Was sind ihre Schwächen?

Madani : Ich kann schwer Nein sagen.

Sie sagen selbst von sich, dass Sie viele Vorurteile haben.

Madani : Ich glaube, es ist keine Schwäche, Vorurteile zu haben. Alle haben Vorurteile. Die politisch Korrekten tun nur so, als hätten sie keine. Dabei ist es so erleichternd, sagen zu dürfen, dass es diese Gedanken gibt. Dann erst kann man mit ihnen umgehen und sich bewusst dafür entscheiden, sie nicht weiter ernst zu nehmen und keinerlei Konsequenzen daraus zu ziehen.

Welche Vorurteile haben Sie gegenüber Deutschen?

Madani : Ich glaube, die ganz üblichen doofen Vorurteile. Dass sie so überkorrekt oder so super direkt sind. Und ja, manchmal wird das auch bestätigt. Und oft eben auch gar nicht.

Wie gelingt Integration?

Madani : Ich kenne keine Patentlösung dafür, ich kann nur aus meiner ganz persönlichen Erfahrung sagen, dass Kontakt zwischen den Menschen Wunder bewirken kann. Wenn ich mit einem Menschen, der mir fremd ist und mir vielleicht auch Angst macht, rede, dann stelle ich sehr oft fest, dass die Wahrheit viel harmloser ist, als das, was ich in meinem Kopf gesponnen habe. In erster Linie sehen wir immer das, was uns unterscheidet. Im Kontakt mit dem Fremden erkennen wir, dass es vieles gibt, das uns auch verbindet.
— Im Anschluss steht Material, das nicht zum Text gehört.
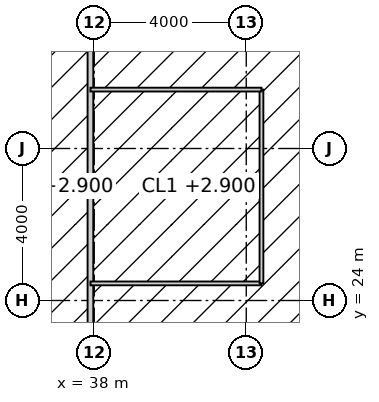
"""IFC4 building model, lengths in metres.
Left out: names, types, materials, properties, quantities, classifications, styles, units other than length and angle.
Written with IfcOpenShell. Run it as: python <this file> out.ifc"""

import sys

from ifc_helpers import new_model, si_unit, direction, frame, frame_2d, origin, place, context, subcontext, project, spatial, rectangle, extrude, element, fill, save


model = new_model("IFC4")
c1 = context("Model", 3, precision=1e-05, world=origin(), true_north=direction((0.0, 1.0)))
c2 = subcontext(c1, "Body", "Model", "MODEL_VIEW")
j1 = project(units=[si_unit("LENGTHUNIT", "METRE"), si_unit("PLANEANGLEUNIT", "RADIAN")], contexts=[c1])
p1 = place(None, origin())
s1 = spatial("IfcSite", under=j1, at=p1, CompositionType="ELEMENT")
p2 = place(p1, origin())
s2 = spatial("IfcBuilding", under=s1, at=p2, CompositionType="ELEMENT")
p3 = place(p2, frame((0.0, 0.0, 179.8)))
s3 = spatial("IfcBuildingStorey", under=s2, at=p3, CompositionType="ELEMENT", Elevation=179.8)
p4 = place(p3, frame((37.9, 15.625, 0.0), z_axis=(0.0, 0.0, 1.0), x_axis=(0.0, 1.0, 0.0)))
e1 = element("IfcWall", 1, at=p4, inside=s3, PredefinedType="PARTITIONING", context=c2, shape_type="SweptSolid", body=[
    extrude(rectangle(XDim=22.75, YDim=0.15, at=frame_2d((11.375, 0.0))), origin(), (0.0, 0.0, 1.0), 2.95),
])
p5 = place(p4, frame((10.475, 0.0, 0.0)))
e2 = element("IfcOpeningElement", 2, at=p5, cuts=e1, PredefinedType="OPENING", context=c2, shape_type="SweptSolid", body=[
    extrude(rectangle(XDim=1.8, YDim=2.4, at=frame_2d((0.9, 1.2))), frame((0.0, 0.085, 0.0), z_axis=(0.0, -1.0, 0.0), x_axis=(1.0, 0.0, 0.0)), (0.0, 0.0, 1.0), 0.17),
])
p6 = place(p3, frame((37.9, 24.45, 0.0), z_axis=(0.0, 0.0, 1.0), x_axis=(1.0, 0.0, 0.0)))
e3 = element("IfcWall", 3, at=p6, inside=s3, PredefinedType="PARTITIONING", context=c2, shape_type="SweptSolid", body=[
    extrude(rectangle(XDim=4.5, YDim=0.1, at=frame_2d((2.25, 0.0))), origin(), (0.0, 0.0, 1.0), 3.85),
])
p7 = place(p3, frame((42.4, 24.45, 0.0), z_axis=(0.0, 0.0, 1.0), x_axis=(0.0, 1.0, 0.0)))
e4 = element("IfcWall", 4, at=p7, inside=s3, PredefinedType="PARTITIONING", context=c2, shape_type="SweptSolid", body=[
    extrude(rectangle(XDim=5.1, YDim=0.1, at=frame_2d((2.55, 0.0))), origin(), (0.0, 0.0, 1.0), 3.85),
])
p8 = place(p7, frame((2.05, 0.0, 0.0)))
e5 = element("IfcOpeningElement", 5, at=p8, cuts=e4, PredefinedType="OPENING", context=c2, shape_type="SweptSolid", body=[
    extrude(rectangle(XDim=1.0, YDim=2.2, at=frame_2d((0.5, 1.1))), frame((0.0, 0.06, 0.0), z_axis=(0.0, -1.0, 0.0), x_axis=(1.0, 0.0, 0.0)), (0.0, 0.0, 1.0), 0.12),
])
p9 = place(p3, frame((42.4, 29.55, 0.0), z_axis=(0.0, 0.0, 1.0), x_axis=(-1.0, 0.0, 0.0)))
e6 = element("IfcWall", 6, at=p9, inside=s3, PredefinedType="PARTITIONING", context=c2, shape_type="SweptSolid", body=[
    extrude(rectangle(XDim=4.5, YDim=0.1, at=frame_2d((2.25, 0.0))), origin(), (0.0, 0.0, 1.0), 3.85),
])
p10 = place(p5, origin())
e7 = element("IfcDoor", 7, at=p10, inside=s3, OperationType="DOUBLE_DOOR_DOUBLE_SWING", PredefinedType="DOOR", context=c2, shape_type="SweptSolid", body=[
    extrude(rectangle(XDim=1.8, YDim=2.4, at=frame_2d((0.9, 1.2))), frame((0.0, 0.025, 0.0), z_axis=(0.0, -1.0, 0.0), x_axis=(1.0, 0.0, 0.0)), (0.0, 0.0, 1.0), 0.05),
])
fill(e2, e7)
p11 = place(p8, origin())
e8 = element("IfcDoor", 8, at=p11, inside=s3, OperationType="SINGLE_SWING_RIGHT", PredefinedType="DOOR", context=c2, shape_type="SweptSolid", body=[
    extrude(rectangle(XDim=1.0, YDim=2.2, at=frame_2d((0.5, 1.1))), frame((0.0, 0.025, 0.0), z_axis=(0.0, -1.0, 0.0), x_axis=(1.0, 0.0, 0.0)), (0.0, 0.0, 1.0), 0.05),
])
fill(e5, e8)
save(model, sys.argv[1])
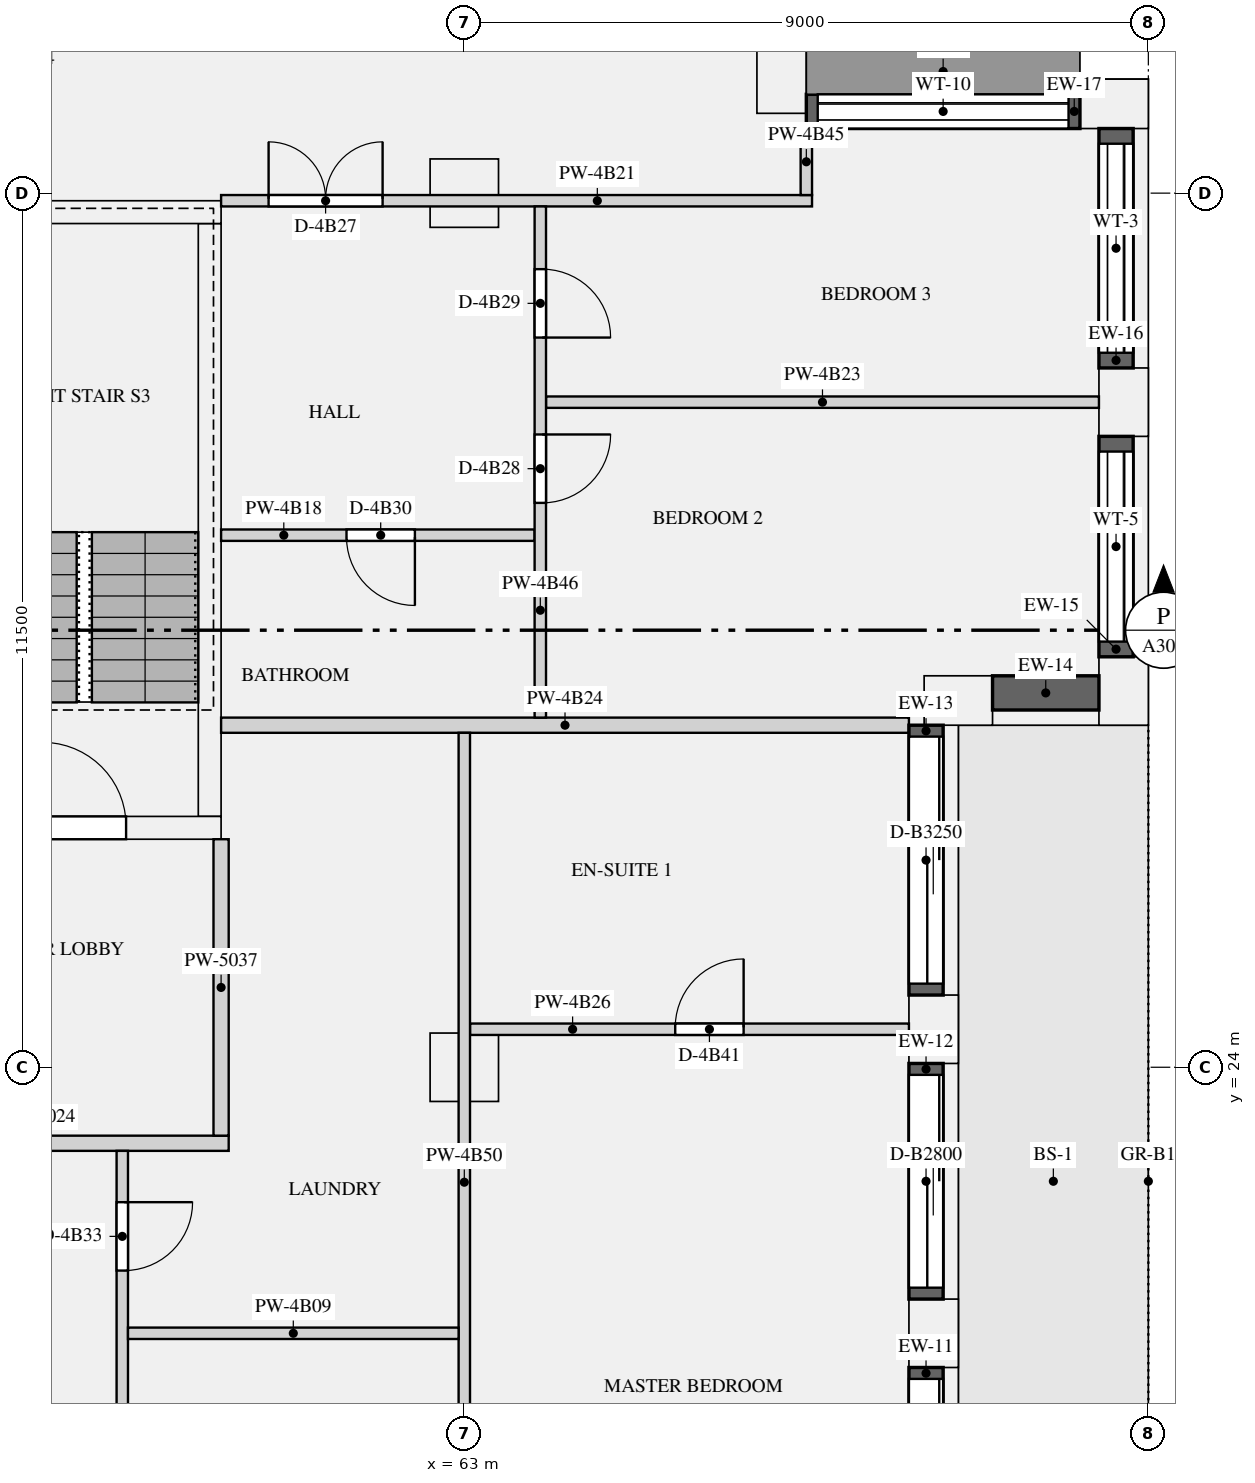
"""IFC4 building model, lengths in metres.
Left out: names, types, materials, properties, quantities, classifications, styles, units other than length and angle.
Written with IfcOpenShell. Run it as: python <this file> out.ifc"""

import sys

from ifc_helpers import new_model, si_unit, direction, frame, frame_2d, origin, origin_2d, place, context, subcontext, project, spatial, rectangle, extrude, element, fill, save


model = new_model("IFC4")
c1 = context("Model", 3, precision=1e-05, world=origin(), true_north=direction((0.0, 1.0)))
c2 = subcontext(c1, "Body", "Model", "MODEL_VIEW")
j1 = project(units=[si_unit("LENGTHUNIT", "METRE"), si_unit("PLANEANGLEUNIT", "RADIAN")], contexts=[c1])
p1 = place(None, origin())
s1 = spatial("IfcSite", under=j1, at=p1, CompositionType="ELEMENT")
p2 = place(p1, origin())
s2 = spatial("IfcBuilding", under=s1, at=p2, CompositionType="ELEMENT")
p3 = place(p2, frame((0.0, 0.0, 207.45)))
s3 = spatial("IfcBuildingStorey", under=s2, at=p3, CompositionType="ELEMENT", Elevation=207.45)
for number, where, z_axis, x_axis in (
    (1, (69.175, 20.5, 0.0), (0.0, 0.0, 1.0), (0.0, 1.0, 0.0)),
    (2, (69.175, 24.5, 0.0), (0.0, 0.0, 1.0), (0.0, 1.0, 0.0)),
    (3, (69.5, 28.825, 0.0), (0.0, 0.0, 1.0), (1.0, 0.0, 0.0)),
    (4, (71.675, 28.95, 0.0), (0.0, 0.0, 1.0), (0.0, 1.0, 0.0)),
    (5, (71.675, 32.75, 0.0), (0.0, 0.0, 1.0), (0.0, 1.0, 0.0)),
    (6, (71.55, 36.675, 0.0), (0.0, 0.0, 1.0), (-1.0, 0.0, 0.0)),
    (7, (67.175, 37.0, 0.0), (0.0, 0.0, 1.0), (0.0, 1.0, 0.0)),
):
    element("IfcColumn", number, at=place(p3, frame(where, z_axis=z_axis, x_axis=x_axis)), inside=s3, PredefinedType="USERDEFINED", context=c2, shape_type="SweptSolid", body=[
        extrude(rectangle(XDim=0.9, YDim=0.65, at=origin_2d()), origin(), (0.0, 0.0, 1.0), 3.15),
    ])
for number, where, z_axis, x_axis in (
    (8, (63.0, 24.0, 0.0), (0.0, 0.0, 1.0), (1.0, 0.0, 0.0)),
    (9, (63.0, 35.5, 0.0), (0.0, 0.0, 1.0), (1.0, 0.0, 0.0)),
):
    element("IfcColumn", number, at=place(p3, frame(where, z_axis=z_axis, x_axis=x_axis)), inside=s3, PredefinedType="COLUMN", context=c2, shape_type="SweptSolid", body=[
        extrude(rectangle(XDim=0.9, YDim=0.9, at=origin_2d()), origin(), (0.0, 0.0, 1.0), 3.15),
    ])
p4 = place(p3, frame((56.2, 27.15, 0.0), z_axis=(0.0, 0.0, 1.0), x_axis=(1.0, 0.0, 0.0)))
e10 = element("IfcWall", 10, at=p4, inside=s3, PredefinedType="SHEAR", context=c2, shape_type="SweptSolid", body=[
    extrude(rectangle(XDim=3.6, YDim=0.3, at=frame_2d((1.8, 0.0))), origin(), (0.0, 0.0, 1.0), 3.15),
])
p5 = place(p4, frame((1.25, 0.0, 0.0)))
e11 = element("IfcOpeningElement", 11, at=p5, cuts=e10, PredefinedType="OPENING", context=c2, shape_type="SweptSolid", body=[
    extrude(rectangle(XDim=1.1, YDim=2.1, at=frame_2d((0.55, 1.05))), frame((0.0, 0.16, 0.0), z_axis=(0.0, -1.0, 0.0), x_axis=(1.0, 0.0, 0.0)), (0.0, 0.0, 1.0), 0.32),
])
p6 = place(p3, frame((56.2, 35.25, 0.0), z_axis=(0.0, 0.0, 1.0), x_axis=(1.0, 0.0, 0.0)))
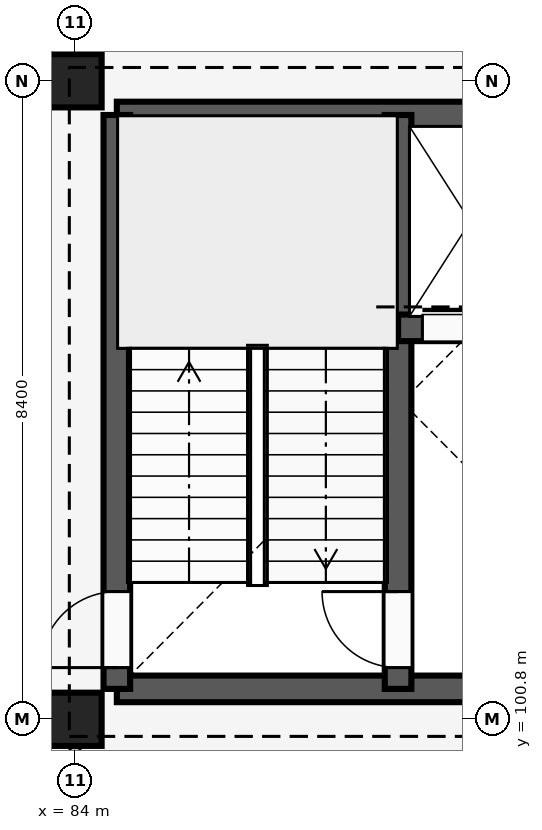
"""IFC4 building model, lengths in metres.
Left out: names, types, materials, properties, quantities, classifications, styles, units other than length and angle.
Written with IfcOpenShell. Run it as: python <this file> out.ifc"""

import sys

from ifc_helpers import new_model, si_unit, direction, frame, frame_2d, origin, origin_2d, place, context, subcontext, project, spatial, rectangle, extrude, element, fill, save


model = new_model("IFC4")
c1 = context("Model", 3, precision=1e-05, world=origin(), true_north=direction((0.0, 1.0)))
c2 = subcontext(c1, "Body", "Model", "MODEL_VIEW")
j1 = project(units=[si_unit("LENGTHUNIT", "METRE"), si_unit("PLANEANGLEUNIT", "RADIAN")], contexts=[c1])
p1 = place(None, origin())
s1 = spatial("IfcSite", under=j1, at=p1, CompositionType="ELEMENT")
p2 = place(p1, origin())
s2 = spatial("IfcBuilding", under=s1, at=p2, CompositionType="ELEMENT")
p3 = place(p2, frame((0.0, 0.0, 16.2)))
s3 = spatial("IfcBuildingStorey", under=s2, at=p3, CompositionType="ELEMENT", Elevation=16.2)
for number, where, z_axis, x_axis in (
    (1, (84.0, 100.8, 0.0), (0.0, 0.0, 1.0), (1.0, 0.0, 0.0)),
    (2, (84.0, 109.2, 0.0), (0.0, 0.0, 1.0), (1.0, 0.0, 0.0)),
):
    element("IfcColumn", number, at=place(p3, frame(where, z_axis=z_axis, x_axis=x_axis)), inside=s3, PredefinedType="COLUMN", context=c2, shape_type="SweptSolid", body=[
        extrude(rectangle(XDim=0.7, YDim=0.7, at=origin_2d()), origin(), (0.0, 0.0, 1.0), 4.2),
    ])
p4 = place(p3, frame((84.55, 101.2, 0.0), z_axis=(0.0, 0.0, 1.0), x_axis=(1.0, 0.0, 0.0)))
e3 = element("IfcWall", 3, at=p4, inside=s3, PredefinedType="SHEAR", context=c2, shape_type="SweptSolid", body=[
    extrude(rectangle(XDim=7.5, YDim=0.35, at=frame_2d((3.75, 0.0))), origin(), (0.0, 0.0, 1.0), 3.92),
])
p5 = place(p4, frame((4.85, 0.0, 0.0)))
e4 = element("IfcOpeningElement", 4, at=p5, cuts=e3, PredefinedType="OPENING", context=c2, shape_type="SweptSolid", body=[
    extrude(rectangle(XDim=1.2, YDim=2.2, at=frame_2d((0.6, 1.1))), frame((0.0, 0.185, 0.0), z_axis=(0.0, -1.0, 0.0), x_axis=(1.0, 0.0, 0.0)), (0.0, 0.0, 1.0), 0.37),
])
p6 = place(p3, frame((84.55, 108.75, 0.0), z_axis=(0.0, 0.0, 1.0), x_axis=(1.0, 0.0, 0.0)))
e5 = element("IfcWall", 5, at=p6, inside=s3, PredefinedType="SHEAR", context=c2, shape_type="SweptSolid", body=[
    extrude(rectangle(XDim=7.5, YDim=0.35, at=frame_2d((3.75, 0.0))), origin(), (0.0, 0.0, 1.0), 3.92),
])
p7 = place(p3, frame((84.55, 101.2, 0.0), z_axis=(0.0, 0.0, 1.0), x_axis=(0.0, 1.0, 0.0)))
e6 = element("IfcWall", 6, at=p7, inside=s3, PredefinedType="SHEAR", context=c2, shape_type="SweptSolid", body=[
    extrude(rectangle(XDim=7.55, YDim=0.35, at=frame_2d((3.775, 0.0))), origin(), (0.0, 0.0, 1.0), 3.92),
])
p8 = place(p7, frame((0.28, 0.0, 0.0)))
e7 = element("IfcOpeningElement", 7, at=p8, cuts=e6, PredefinedType="OPENING", context=c2, shape_type="SweptSolid", body=[
    extrude(rectangle(XDim=1.0, YDim=2.15, at=frame_2d((0.5, 1.075))), frame((0.0, 0.185, 0.0), z_axis=(0.0, -1.0, 0.0), x_axis=(1.0, 0.0, 0.0)), (0.0, 0.0, 1.0), 0.37),
])
p9 = place(p3, frame((88.25, 101.2, 0.0), z_axis=(0.0, 0.0, 1.0), x_axis=(0.0, 1.0, 0.0)))
e8 = element("IfcWall", 8, at=p9, inside=s3, PredefinedType="SHEAR", context=c2, shape_type="SweptSolid", body=[
    extrude(rectangle(XDim=7.55, YDim=0.35, at=frame_2d((3.775, 0.0))), origin(), (0.0, 0.0, 1.0), 3.92),
])
p10 = place(p9, frame((0.28, 0.0, 0.0)))
e9 = element("IfcOpeningElement", 9, at=p10, cuts=e8, PredefinedType="OPENING", context=c2, shape_type="SweptSolid", body=[
    extrude(rectangle(XDim=1.0, YDim=2.15, at=frame_2d((0.5, 1.075))), frame((0.0, 0.185, 0.0), z_axis=(0.0, -1.0, 0.0), x_axis=(1.0, 0.0, 0.0)), (0.0, 0.0, 1.0), 0.37),
])
p11 = place(p3, frame((88.25, 105.95, 0.0), z_axis=(0.0, 0.0, 1.0), x_axis=(1.0, 0.0, 0.0)))
e10 = element("IfcWall", 10, at=p11, inside=s3, PredefinedType="SHEAR", context=c2, shape_type="SweptSolid", body=[
    extrude(rectangle(XDim=3.8, YDim=0.35, at=frame_2d((1.9, 0.0))), origin(), (0.0, 0.0, 1.0), 3.92),
])
p12 = place(p11, frame((0.32, 0.0, 0.0)))
e11 = element("IfcOpeningElement", 11, at=p12, cuts=e10, PredefinedType="OPENING", context=c2, shape_type="SweptSolid", body=[
    extrude(rectangle(XDim=1.35, YDim=2.25, at=frame_2d((0.675, 1.125))), frame((0.0, 0.185, 0.0), z_axis=(0.0, -1.0, 0.0), x_axis=(1.0, 0.0, 0.0)), (0.0, 0.0, 1.0), 0.37),
])
p13 = place(p11, frame((2.04, 0.0, 0.0)))
e12 = element("IfcOpeningElement", 12, at=p13, cuts=e10, PredefinedType="OPENING", context=c2, shape_type="SweptSolid", body=[
    extrude(rectangle(XDim=1.4, YDim=2.25, at=frame_2d((0.7, 1.125))), frame((0.0, 0.185, 0.0), z_axis=(0.0, -1.0, 0.0), x_axis=(1.0, 0.0, 0.0)), (0.0, 0.0, 1.0), 0.37),
])
p14 = place(p3, frame((84.0, 92.54, 0.0), z_axis=(0.0, 0.0, 1.0), x_axis=(0.0, 1.0, 0.0)))
e13 = element("IfcWall", 13, at=p14, inside=s3, PredefinedType="PARTITIONING", context=c2, shape_type="SweptSolid", body=[
    extrude(rectangle(XDim=8.21, YDim=0.13, at=frame_2d((4.105, 0.0))), origin(), (0.0, 0.0, 1.0), 3.3),
])
p15 = place(p14, frame((3.64, 0.0, 0.0)))
e14 = element("IfcOpeningElement", 14, at=p15, cuts=e13, PredefinedType="OPENING", context=c2, shape_type="SweptSolid", body=[
    extrude(rectangle(XDim=1.08, YDim=2.15, at=frame_2d((0.54, 1.075))), frame((0.0, 0.075, 0.0), z_axis=(0.0, -1.0, 0.0), x_axis=(1.0, 0.0, 0.0)), (0.0, 0.0, 1.0), 0.15),
])
p16 = place(p3, frame((84.0, 109.55, 0.0), z_axis=(0.0, 0.0, 1.0), x_axis=(0.0, 1.0, 0.0)))
e15 = element("IfcWall", 15, at=p16, inside=s3, PredefinedType="PARTITIONING", context=c2, shape_type="SweptSolid", body=[
    extrude(rectangle(XDim=7.91, YDim=0.13, at=frame_2d((3.955, 0.0))), origin(), (0.0, 0.0, 1.0), 3.3),
])
p17 = place(p16, frame((3.4, 0.0, 0.0)))
e16 = element("IfcOpeningElement", 16, at=p17, cuts=e15, PredefinedType="OPENING", context=c2, shape_type="SweptSolid", body=[
    extrude(rectangle(XDim=1.05, YDim=2.2, at=frame_2d((0.525, 1.1))), frame((0.0, 0.075, 0.0), z_axis=(0.0, -1.0, 0.0), x_axis=(1.0, 0.0, 0.0)), (0.0, 0.0, 1.0), 0.15),
])
p18 = place(p8, origin())
e17 = element("IfcDoor", 17, at=p18, inside=s3, OperationType="SINGLE_SWING_LEFT", PredefinedType="DOOR", context=c2, shape_type="SweptSolid", body=[
    extrude(rectangle(XDim=1.0, YDim=2.15, at=frame_2d((0.5, 1.075))), frame((0.0, 0.025, 0.0), z_axis=(0.0, -1.0, 0.0), x_axis=(1.0, 0.0, 0.0)), (0.0, 0.0, 1.0), 0.05),
])
fill(e7, e17)
p19 = place(p10, origin())
e18 = element("IfcDoor", 18, at=p19, inside=s3, OperationType="SINGLE_SWING_RIGHT", PredefinedType="DOOR", context=c2, shape_type="SweptSolid", body=[
    extrude(rectangle(XDim=1.0, YDim=2.15, at=frame_2d((0.5, 1.075))), frame((0.0, 0.025, 0.0), z_axis=(0.0, -1.0, 0.0), x_axis=(1.0, 0.0, 0.0)), (0.0, 0.0, 1.0), 0.05),
])
fill(e9, e18)
p20 = place(p12, origin())
e19 = element("IfcDoor", 19, at=p20, inside=s3, OperationType="SLIDING_TO_LEFT", PredefinedType="DOOR", context=c2, shape_type="SweptSolid", body=[
    extrude(rectangle(XDim=1.35, YDim=2.25, at=frame_2d((0.675, 1.125))), frame((0.0, 0.025, 0.0), z_axis=(0.0, -1.0, 0.0), x_axis=(1.0, 0.0, 0.0)), (0.0, 0.0, 1.0), 0.05),
])
fill(e11, e19)
save(model, sys.argv[1])

Was werden Ihre Zuhörer nach der Lesung in Wedel mit nach Hause nehmen?

Madani : In erster Linie einen vergnüglichen Abend. Es ist mir sehr wichtig, dass sich die Menschen unterhalten, gerade bei diesem Thema. Und da es ein sehr persönliches Buch ist, animiert es andere Menschen dazu, selbst Persönliches aus ihrem Leben zu berichten und mit anderen zu teilen.

Die Lesung beginnt um 19.30 Uhr in der Stadtbücherei Wedel, Rosengarten 6. Der Eintritt kostet 8 Euro, ermäßigt 6 Euro. Vorverkauf in der Stadtbücherei und in der Buchhandlung Steyer, Bahnhofstraße 46.